Aucun de ces artistes n'était allé en Égypte. Ils ne connaissaient que par ouï-dire sa lumière éclatante, ses Pyramides, ses mosquées et ses foules enturbannées. S'inspirant de dessins exécutés par d'autres, copiant des costumes rapportés par les soldats rapatriés, dessinant dans les serres du Jardin des Plantes, ils s'efforçaient tant bien que mal, de donner quelque vraisemblance aux événements et aux sites exotiques qu'ils représentaient.
Il y avait pourtant, parmi les membres de l'Institut d'Égypte, un obscur collègue de Bonaparte, de Monge, de Berthollet, de Larrey et de Vivant Denon: un peintre italien nommé Michel Rigo, sur qui on ne sait à peu près rien, sinon qu'il vécut à Paris jusqu'à la fin de l'Empire et mourut en 1815 à Gênes, sa ville natale.
La plupart des tableaux qu'il a peints ont disparu et nous ne les connaissons que par les Livrets des Salons où, de 1804 à 1810, ils ont figuré.

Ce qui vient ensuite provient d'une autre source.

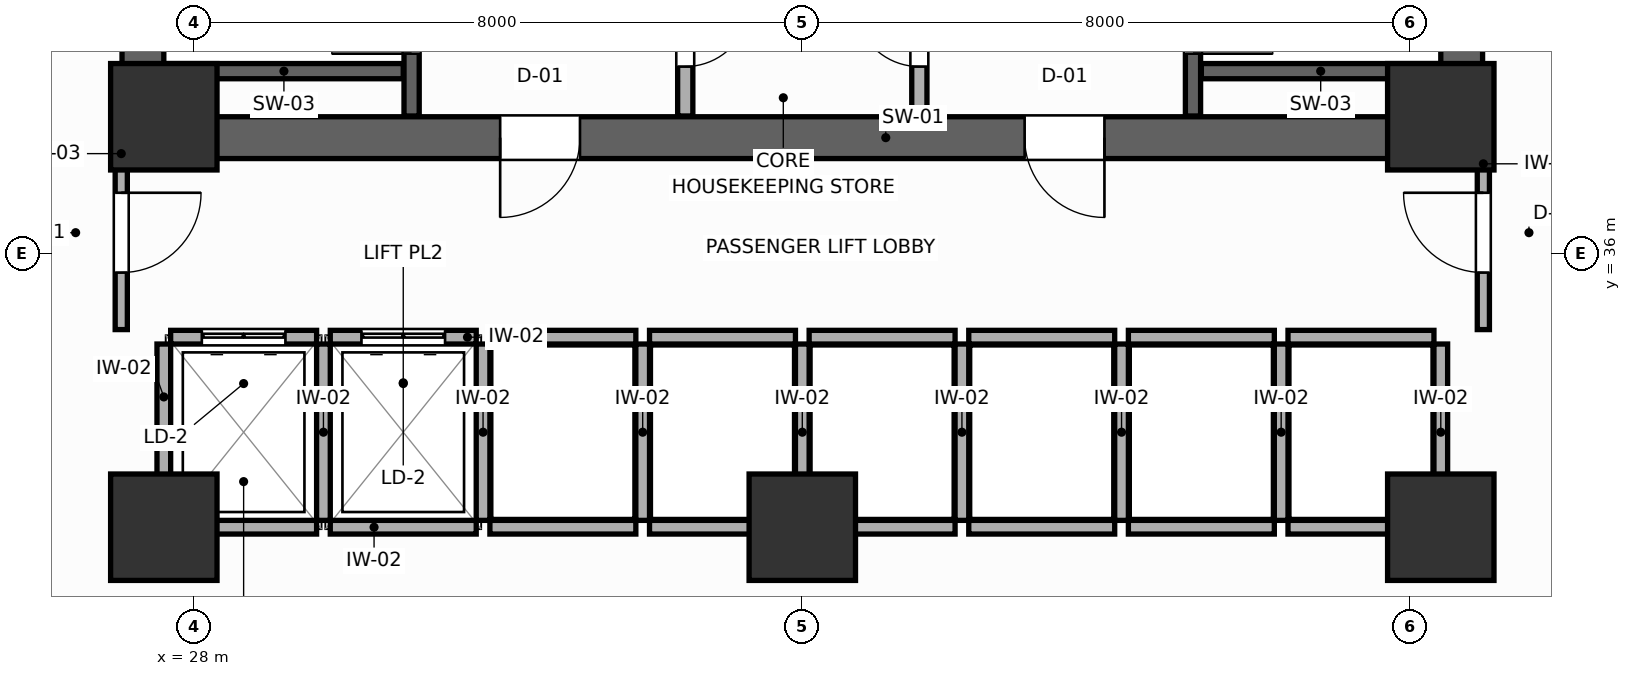
"""IFC4 building model, lengths in metres.
Left out: names, types, materials, properties, quantities, classifications, styles, units other than length and angle.
Written with IfcOpenShell. Run it as: python <this file> out.ifc"""

import sys

from ifc_helpers import new_model, si_unit, direction, frame, frame_2d, origin, origin_2d, place, context, subcontext, project, spatial, rectangle, extrude, source, transform, mapped, element, fill, save


model = new_model("IFC4")
c1 = context("Model", 3, precision=1e-05, world=origin(), true_north=direction((0.0, 1.0)))
c2 = subcontext(c1, "Body", "Model", "MODEL_VIEW")
j1 = project(units=[si_unit("LENGTHUNIT", "METRE"), si_unit("PLANEANGLEUNIT", "RADIAN")], contexts=[c1])
p1 = place(None, origin())
s1 = spatial("IfcSite", under=j1, at=p1, CompositionType="ELEMENT")
p2 = place(p1, origin())
s2 = spatial("IfcBuilding", under=s1, at=p2, CompositionType="ELEMENT")
p3 = place(p2, frame((0.0, 0.0, 24.0)))
s3 = spatial("IfcBuildingStorey", under=s2, at=p3, CompositionType="ELEMENT", Elevation=24.0)
p4 = place(p3, frame((27.05, 37.525, 0.0), z_axis=(0.0, 0.0, 1.0), x_axis=(1.0, 0.0, 0.0)))
e1 = element("IfcWall", 1, at=p4, inside=s3, PredefinedType="SHEAR", context=c2, shape_type="SweptSolid", body=[
    extrude(rectangle(XDim=17.9, YDim=0.55, at=frame_2d((8.95, 0.0))), origin(), (0.0, 0.0, 1.0), 3.9),
])
p5 = place(p4, frame((4.975, 0.0, 0.0)))
e2 = element("IfcOpeningElement", 2, at=p5, cuts=e1, PredefinedType="OPENING", context=c2, shape_type="SweptSolid", body=[
    extrude(rectangle(XDim=1.05, YDim=2.1, at=frame_2d((0.525, 1.05))), frame((0.0, 0.285, 0.0), z_axis=(0.0, -1.0, 0.0), x_axis=(1.0, 0.0, 0.0)), (0.0, 0.0, 1.0), 0.57),
])
p6 = place(p4, frame((11.875, 0.0, 0.0)))
e3 = element("IfcOpeningElement", 3, at=p6, cuts=e1, PredefinedType="OPENING", context=c2, shape_type="SweptSolid", body=[
    extrude(rectangle(XDim=1.05, YDim=2.1, at=frame_2d((0.525, 1.05))), frame((0.0, 0.285, 0.0), z_axis=(0.0, -1.0, 0.0), x_axis=(1.0, 0.0, 0.0)), (0.0, 0.0, 1.0), 0.57),
])
for number, where, z_axis, x_axis in (
    (4, (27.325, 37.8, 0.0), (0.0, 0.0, 1.0), (0.0, 1.0, 0.0)),
    (5, (44.675, 37.8, 0.0), (0.0, 0.0, 1.0), (0.0, 1.0, 0.0)),
):
    element("IfcWall", number, at=place(p3, frame(where, z_axis=z_axis, x_axis=x_axis)), inside=s3, PredefinedType="SHEAR", context=c2, shape_type="SweptSolid", body=[
        extrude(rectangle(XDim=9.0, YDim=0.55, at=frame_2d((4.5, 0.0))), origin(), (0.0, 0.0, 1.0), 3.9),
    ])
m1 = source(origin(), c2, "Body", "SweptSolid", [
    extrude(rectangle(XDim=1.4, YDim=1.4, at=origin_2d()), origin(), (0.0, 0.0, 1.0), 3.9),
])
for number, where, z_axis, x_axis in (
    (6, (27.6, 37.8, 0.0), (0.0, 0.0, 1.0), (1.0, 0.0, 0.0)),
    (7, (44.4, 37.8, 0.0), (0.0, 0.0, 1.0), (1.0, 0.0, 0.0)),
    (8, (27.6, 32.4, 0.0), (0.0, 0.0, 1.0), (1.0, 0.0, 0.0)),
    (9, (44.4, 32.4, 0.0), (0.0, 0.0, 1.0), (1.0, 0.0, 0.0)),
    (10, (36.0, 32.4, 0.0), (0.0, 0.0, 1.0), (1.0, 0.0, 0.0)),
):
    element("IfcColumn", number, at=place(p3, frame(where, z_axis=z_axis, x_axis=x_axis)), inside=s3, PredefinedType="COLUMN", context=c2, shape_type="MappedRepresentation", body=[
        mapped(m1, transform((0.0, 0.0, 0.0), scale=1.0)),
    ])
p7 = place(p3, frame((30.86, 37.81, 0.0), z_axis=(0.0, 0.0, 1.0), x_axis=(0.0, 1.0, 0.0)))
e11 = element("IfcWall", 11, at=p7, inside=s3, PredefinedType="SHEAR", context=c2, shape_type="SweptSolid", body=[
    extrude(rectangle(XDim=8.98, YDim=0.2, at=frame_2d((4.49, 0.0))), origin(), (0.0, 0.0, 1.0), 3.9),
])
p8 = place(p7, frame((0.82, 0.0, 0.0)))
e12 = element("IfcOpeningElement", 12, at=p8, cuts=e11, PredefinedType="OPENING", context=c2, shape_type="SweptSolid", body=[
    extrude(rectangle(XDim=1.05, YDim=2.1, at=frame_2d((0.525, 1.05))), frame((0.0, 0.11, 0.0), z_axis=(0.0, -1.0, 0.0), x_axis=(1.0, 0.0, 0.0)), (0.0, 0.0, 1.0), 0.22),
])
p9 = place(p3, frame((27.61, 38.4, 0.0), z_axis=(0.0, 0.0, 1.0), x_axis=(1.0, 0.0, 0.0)))
e13 = element("IfcWall", 13, at=p9, inside=s3, PredefinedType="SHEAR", context=c2, shape_type="SweptSolid", body=[
    extrude(rectangle(XDim=3.14, YDim=0.2, at=frame_2d((1.57, 0.0))), origin(), (0.0, 0.0, 1.0), 3.9),
])
p10 = place(p3, frame((41.14, 37.81, 0.0), z_axis=(0.0, 0.0, 1.0), x_axis=(0.0, 1.0, 0.0)))
e14 = element("IfcWall", 14, at=p10, inside=s3, PredefinedType="SHEAR", context=c2, shape_type="SweptSolid", body=[
    extrude(rectangle(XDim=8.98, YDim=0.2, at=frame_2d((4.49, 0.0))), origin(), (0.0, 0.0, 1.0), 3.9),
])
p11 = place(p10, frame((0.82, 0.0, 0.0)))
e15 = element("IfcOpeningElement", 15, at=p11, cuts=e14, PredefinedType="OPENING", context=c2, shape_type="SweptSolid", body=[
    extrude(rectangle(XDim=1.05, YDim=2.1, at=frame_2d((0.525, 1.05))), frame((0.0, 0.11, 0.0), z_axis=(0.0, -1.0, 0.0), x_axis=(1.0, 0.0, 0.0)), (0.0, 0.0, 1.0), 0.22),
])
p12 = place(p3, frame((41.25, 38.4, 0.0), z_axis=(0.0, 0.0, 1.0), x_axis=(1.0, 0.0, 0.0)))
e16 = element("IfcWall", 16, at=p12, inside=s3, PredefinedType="SHEAR", context=c2, shape_type="SweptSolid", body=[
    extrude(rectangle(XDim=3.14, YDim=0.2, at=frame_2d((1.57, 0.0))), origin(), (0.0, 0.0, 1.0), 3.9),
])
p13 = place(p3, frame((34.46, 37.81, 0.0), z_axis=(0.0, 0.0, 1.0), x_axis=(0.0, 1.0, 0.0)))
e17 = element("IfcWall", 17, at=p13, inside=s3, PredefinedType="PARTITIONING", context=c2, shape_type="SweptSolid", body=[
    extrude(rectangle(XDim=8.98, YDim=0.2, at=frame_2d((4.49, 0.0))), origin(), (0.0, 0.0, 1.0), 3.68),
])
p14 = place(p13, frame((0.65, 0.0, 0.0)))
e18 = element("IfcOpeningElement", 18, at=p14, cuts=e17, PredefinedType="OPENING", context=c2, shape_type="SweptSolid", body=[
    extrude(rectangle(XDim=0.85, YDim=2.05, at=frame_2d((0.425, 1.025))), frame((0.0, 0.11, 0.0), z_axis=(0.0, -1.0, 0.0), x_axis=(1.0, 0.0, 0.0)), (0.0, 0.0, 1.0), 0.22),
])
p15 = place(p3, frame((37.54, 37.81, 0.0), z_axis=(0.0, 0.0, 1.0), x_axis=(0.0, 1.0, 0.0)))
e19 = element("IfcWall", 19, at=p15, inside=s3, PredefinedType="PARTITIONING", context=c2, shape_type="SweptSolid", body=[
    extrude(rectangle(XDim=8.98, YDim=0.2, at=frame_2d((4.49, 0.0))), origin(), (0.0, 0.0, 1.0), 3.68),
])
p16 = place(p15, frame((0.65, 0.0, 0.0)))
e20 = element("IfcOpeningElement", 20, at=p16, cuts=e19, PredefinedType="OPENING", context=c2, shape_type="SweptSolid", body=[
    extrude(rectangle(XDim=0.85, YDim=2.05, at=frame_2d((0.425, 1.025))), frame((0.0, 0.11, 0.0), z_axis=(0.0, -1.0, 0.0), x_axis=(1.0, 0.0, 0.0)), (0.0, 0.0, 1.0), 0.22),
])
p17 = place(p3, frame((27.69, 34.9, 0.0), z_axis=(0.0, 0.0, 1.0), x_axis=(1.0, 0.0, 0.0)))
e21 = element("IfcWall", 21, at=p17, inside=s3, PredefinedType="PARTITIONING", context=c2, shape_type="SweptSolid", body=[
    extrude(rectangle(XDim=1.92, YDim=0.18, at=frame_2d((0.96, 0.0))), origin(), (0.0, 0.0, 1.0), 3.68),
])
p18 = place(p17, frame((0.41, 0.0, 0.0)))
e22 = element("IfcOpeningElement", 22, at=p18, cuts=e21, PredefinedType="OPENING", context=c2, shape_type="SweptSolid", body=[
    extrude(rectangle(XDim=1.1, YDim=2.1, at=frame_2d((0.55, 1.05))), frame((0.0, 0.1, 0.0), z_axis=(0.0, -1.0, 0.0), x_axis=(1.0, 0.0, 0.0)), (0.0, 0.0, 1.0), 0.2),
])
p19 = place(p3, frame((27.69, 32.4, 0.0), z_axis=(0.0, 0.0, 1.0), x_axis=(1.0, 0.0, 0.0)))
e23 = element("IfcWall", 23, at=p19, inside=s3, PredefinedType="PARTITIONING", context=c2, shape_type="SweptSolid", body=[
    extrude(rectangle(XDim=1.92, YDim=0.18, at=frame_2d((0.96, 0.0))), origin(), (0.0, 0.0, 1.0), 3.18),
])
p20 = place(p3, frame((27.6, 32.49, 0.0), z_axis=(0.0, 0.0, 1.0), x_axis=(0.0, 1.0, 0.0)))
e24 = element("IfcWall", 24, at=p20, inside=s3, PredefinedType="PARTITIONING", context=c2, shape_type="SweptSolid", body=[
    extrude(rectangle(XDim=2.32, YDim=0.18, at=frame_2d((1.16, 0.0))), origin(), (0.0, 0.0, 1.0), 3.68),
])
p21 = place(p3, frame((29.79, 34.9, 0.0), z_axis=(0.0, 0.0, 1.0), x_axis=(1.0, 0.0, 0.0)))
e25 = element("IfcWall", 25, at=p21, inside=s3, PredefinedType="PARTITIONING", context=c2, shape_type="SweptSolid", body=[
    extrude(rectangle(XDim=1.92, YDim=0.18, at=frame_2d((0.96, 0.0))), origin(), (0.0, 0.0, 1.0), 3.68),
])
p22 = place(p21, frame((0.41, 0.0, 0.0)))
e26 = element("IfcOpeningElement", 26, at=p22, cuts=e25, PredefinedType="OPENING", context=c2, shape_type="SweptSolid", body=[
    extrude(rectangle(XDim=1.1, YDim=2.1, at=frame_2d((0.55, 1.05))), frame((0.0, 0.1, 0.0), z_axis=(0.0, -1.0, 0.0), x_axis=(1.0, 0.0, 0.0)), (0.0, 0.0, 1.0), 0.2),
])
p23 = place(p3, frame((29.79, 32.4, 0.0), z_axis=(0.0, 0.0, 1.0), x_axis=(1.0, 0.0, 0.0)))
e27 = element("IfcWall", 27, at=p23, inside=s3, PredefinedType="PARTITIONING", context=c2, shape_type="SweptSolid", body=[
    extrude(rectangle(XDim=1.92, YDim=0.18, at=frame_2d((0.96, 0.0))), origin(), (0.0, 0.0, 1.0), 3.18),
])
p24 = place(p3, frame((29.7, 32.49, 0.0), z_axis=(0.0, 0.0, 1.0), x_axis=(0.0, 1.0, 0.0)))
e28 = element("IfcWall", 28, at=p24, inside=s3, PredefinedType="PARTITIONING", context=c2, shape_type="SweptSolid", body=[
    extrude(rectangle(XDim=2.32, YDim=0.18, at=frame_2d((1.16, 0.0))), origin(), (0.0, 0.0, 1.0), 3.68),
])
p25 = place(p3, frame((31.89, 34.9, 0.0), z_axis=(0.0, 0.0, 1.0), x_axis=(1.0, 0.0, 0.0)))
e29 = element("IfcWall", 29, at=p25, inside=s3, PredefinedType="PARTITIONING", context=c2, shape_type="SweptSolid", body=[
    extrude(rectangle(XDim=1.92, YDim=0.18, at=frame_2d((0.96, 0.0))), origin(), (0.0, 0.0, 1.0), 3.68),
])
p26 = place(p3, frame((31.89, 32.4, 0.0), z_axis=(0.0, 0.0, 1.0), x_axis=(1.0, 0.0, 0.0)))
e30 = element("IfcWall", 30, at=p26, inside=s3, PredefinedType="PARTITIONING", context=c2, shape_type="SweptSolid", body=[
    extrude(rectangle(XDim=1.92, YDim=0.18, at=frame_2d((0.96, 0.0))), origin(), (0.0, 0.0, 1.0), 3.18),
])
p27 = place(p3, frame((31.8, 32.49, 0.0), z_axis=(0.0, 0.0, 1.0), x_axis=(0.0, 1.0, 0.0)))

En 1804, Rigo avait débuté par « une Prédication fanatique dans l'Orient ». La scène se passait en Égypte à l'époque où Bonaparte se trouvait en Syrie. On y voyait le prétendu « ange » El-Mohdy, parmi ses disciples les plus fervents.
Deux ans plus tard (car le Salon était biennal sous l'Empire), c'étaient deux toiles représentant chacune un acte de clémence de Napoléon. La première le montrait, entouré de ses officiers, recevant une députation du Divan du Caire, et prononçant ces paroles que traduisait l'interprète: « Dieu m'a ordonné d'être clément et miséricordieux pour le peuple… J'ai été clément et miséricordieux envers vous… J'ai été affligé de votre révolte, et je ne vous ai privés que pendant deux mois de votre Divan; mais aujourd'hui je vous le restitue: votre bonne conduite a effacé la tache de votre rébellion ».
Dans l'autre, la scène se passait le 14 messidor an 6. « L'armée d'Orient entrait dans Alexandrie… La femme d'un Arabe qu'on allait immoler… suivie de sa fille éplorée, jette entre les bras du général Bonaparte, son dernier enfant; Bonaparte sourit à l'innocence du fils et, d'un geste, il sauve la vie du père. Cet acte de clémence retint l'indignation des Français, il adoucit l'âme des Turcs et leurs armes leur tombèrent des mains ».
Malheureusement pour Rigo, l'Etat ne s'intéressa à aucune de ces oeuvres. Vivant Denon, le Directeur du Musée, régnait alors en maître sur les beaux-arts (l'architecture exceptée) et il n'en proposa pas l'achat. Étaient-elles médiocres, ou bien y avait-il entre ces deux hommes une de ces durables inimitiés si fréquentes dans le monde des arts? On l'ignore. Mais il est certain que, parmi les nombreuses qualités du Directeur, la grandeur d'âme et la générosité n'étaient pas celles qu'on avait le plus souvent l'occasion d'admirer.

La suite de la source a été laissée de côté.